For those less directly affected, life returned to normal more
quickly. Nathan Berman, 80, a retired school principal and teacher who
watched the smoke from the trade center billow up the East River toward
his home on Roosevelt Island, said his everyday life had continued to be
consumed by his family, his community and his work.
"It's a horrible, horrible thing," he said of Sept. 11.

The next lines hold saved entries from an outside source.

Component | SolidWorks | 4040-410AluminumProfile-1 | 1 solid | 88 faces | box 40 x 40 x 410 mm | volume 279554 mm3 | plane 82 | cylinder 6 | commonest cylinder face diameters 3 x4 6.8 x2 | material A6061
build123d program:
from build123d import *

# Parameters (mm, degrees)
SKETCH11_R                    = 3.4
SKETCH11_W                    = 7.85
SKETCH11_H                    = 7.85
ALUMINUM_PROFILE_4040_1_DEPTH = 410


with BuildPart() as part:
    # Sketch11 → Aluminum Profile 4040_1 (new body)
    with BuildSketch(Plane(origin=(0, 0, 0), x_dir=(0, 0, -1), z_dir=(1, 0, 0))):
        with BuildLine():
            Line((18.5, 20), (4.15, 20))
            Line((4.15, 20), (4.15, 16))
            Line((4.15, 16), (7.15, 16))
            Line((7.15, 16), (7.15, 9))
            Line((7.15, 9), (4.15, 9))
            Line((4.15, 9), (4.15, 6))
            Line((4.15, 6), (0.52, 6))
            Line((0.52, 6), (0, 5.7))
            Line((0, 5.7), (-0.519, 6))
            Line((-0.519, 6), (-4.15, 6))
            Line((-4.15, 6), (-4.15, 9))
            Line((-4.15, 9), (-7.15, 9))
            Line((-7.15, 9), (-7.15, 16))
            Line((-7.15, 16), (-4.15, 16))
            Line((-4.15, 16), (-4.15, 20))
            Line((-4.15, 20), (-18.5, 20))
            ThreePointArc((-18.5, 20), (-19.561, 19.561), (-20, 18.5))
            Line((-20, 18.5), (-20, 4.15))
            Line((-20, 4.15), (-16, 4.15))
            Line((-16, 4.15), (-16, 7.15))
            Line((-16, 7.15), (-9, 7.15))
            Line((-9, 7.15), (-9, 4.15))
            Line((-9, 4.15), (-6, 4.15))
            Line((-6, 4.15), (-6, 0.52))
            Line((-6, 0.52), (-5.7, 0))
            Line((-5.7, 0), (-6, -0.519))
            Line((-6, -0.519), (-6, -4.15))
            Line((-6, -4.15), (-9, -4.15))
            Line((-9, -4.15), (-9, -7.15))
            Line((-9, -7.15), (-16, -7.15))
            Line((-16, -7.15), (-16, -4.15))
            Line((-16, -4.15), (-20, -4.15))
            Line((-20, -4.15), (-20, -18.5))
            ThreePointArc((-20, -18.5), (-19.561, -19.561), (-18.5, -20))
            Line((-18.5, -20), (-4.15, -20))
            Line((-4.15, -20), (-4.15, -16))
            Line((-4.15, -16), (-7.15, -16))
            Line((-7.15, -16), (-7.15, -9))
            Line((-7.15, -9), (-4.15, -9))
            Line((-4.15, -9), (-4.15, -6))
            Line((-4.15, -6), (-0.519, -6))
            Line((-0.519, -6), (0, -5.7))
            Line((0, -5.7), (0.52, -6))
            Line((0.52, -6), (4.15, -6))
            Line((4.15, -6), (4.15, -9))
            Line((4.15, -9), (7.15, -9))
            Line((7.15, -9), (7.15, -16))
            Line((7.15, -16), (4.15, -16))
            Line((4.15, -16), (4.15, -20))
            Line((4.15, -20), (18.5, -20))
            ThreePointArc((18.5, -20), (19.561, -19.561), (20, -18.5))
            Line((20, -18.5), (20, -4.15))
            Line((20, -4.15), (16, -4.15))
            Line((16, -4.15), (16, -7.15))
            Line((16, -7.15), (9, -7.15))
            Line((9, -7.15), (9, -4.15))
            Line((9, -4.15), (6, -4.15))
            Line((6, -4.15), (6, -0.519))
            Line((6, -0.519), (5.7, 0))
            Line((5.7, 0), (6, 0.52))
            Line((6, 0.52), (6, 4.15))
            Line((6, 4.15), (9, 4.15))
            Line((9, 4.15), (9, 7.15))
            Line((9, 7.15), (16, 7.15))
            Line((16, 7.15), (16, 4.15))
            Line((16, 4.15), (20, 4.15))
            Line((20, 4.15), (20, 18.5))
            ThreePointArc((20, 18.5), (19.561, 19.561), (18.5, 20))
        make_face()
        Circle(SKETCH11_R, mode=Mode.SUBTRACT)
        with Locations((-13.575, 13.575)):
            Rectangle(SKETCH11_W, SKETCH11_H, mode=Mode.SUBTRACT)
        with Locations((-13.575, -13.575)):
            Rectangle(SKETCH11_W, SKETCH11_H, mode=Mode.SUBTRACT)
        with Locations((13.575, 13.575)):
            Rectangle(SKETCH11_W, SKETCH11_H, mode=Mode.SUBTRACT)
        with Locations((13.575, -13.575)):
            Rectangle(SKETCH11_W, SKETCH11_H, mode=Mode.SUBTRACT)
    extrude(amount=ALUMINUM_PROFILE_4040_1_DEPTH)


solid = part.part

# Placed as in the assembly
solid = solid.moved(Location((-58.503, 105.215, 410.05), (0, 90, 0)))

"But for someone who was in the Battle of the Bulge, it's not the
end of the world."
Mike Davies, 56, an unemployed computer scientist who lives in
Jackson Heights, Queens, said he flew to London the week after Sept. 11
and has deliberately adhered to his daily routine at home. The attack is
a fait accompli, he said; nothing can be done about it. He conceded that
perhaps he is blocking the memory out — an observation others made
about themselves.
"It makes it easier to go about my everyday life if I don't
think about it," Ms. Schwartz said. "But it may also be that
with terrorism, or the fears of terrorism, the danger is so diffuse.
Maybe the fact that New York was struck once means it's a prominent
target, but maybe it means that next time they'll strike somewhere
else."
Thirty-three percent of those polled said they thought New York City
would be a better place to live in 15 years — down from 54 percent in
October, but higher than the percentages in polls in the 1980's and
1990's. Twenty-three percent predicted that New York would be worse, up
from 11 percent last fall but less than in earlier decades. Thirty-eight
percent said it would be the same.
While New Yorkers remained fairly confident that the city's economy
will recover from the effects of the attacks, those who said they were
very confident dropped to 36 percent, down from 48 percent in June.
Forty-nine percent said they believed the threat of terrorism was
greater in New York than in other cities, down from 60 percent of people
polled in June.
Perhaps not surprisingly, the attitudes of New Yorkers differ
noticeably from those of people elsewhere in the country who were
questioned as part of another New York Times/CBS News poll made public
Sunday. For example, 47 percent of New Yorkers said they approved of the
way President George W. Bush is handling his job, compared with 63
percent of people polled nationwide.
Fifty-seven percent of people nationally, compared with 48 percent of
New Yorkers, said their life had not changed as a result of Sept. 11.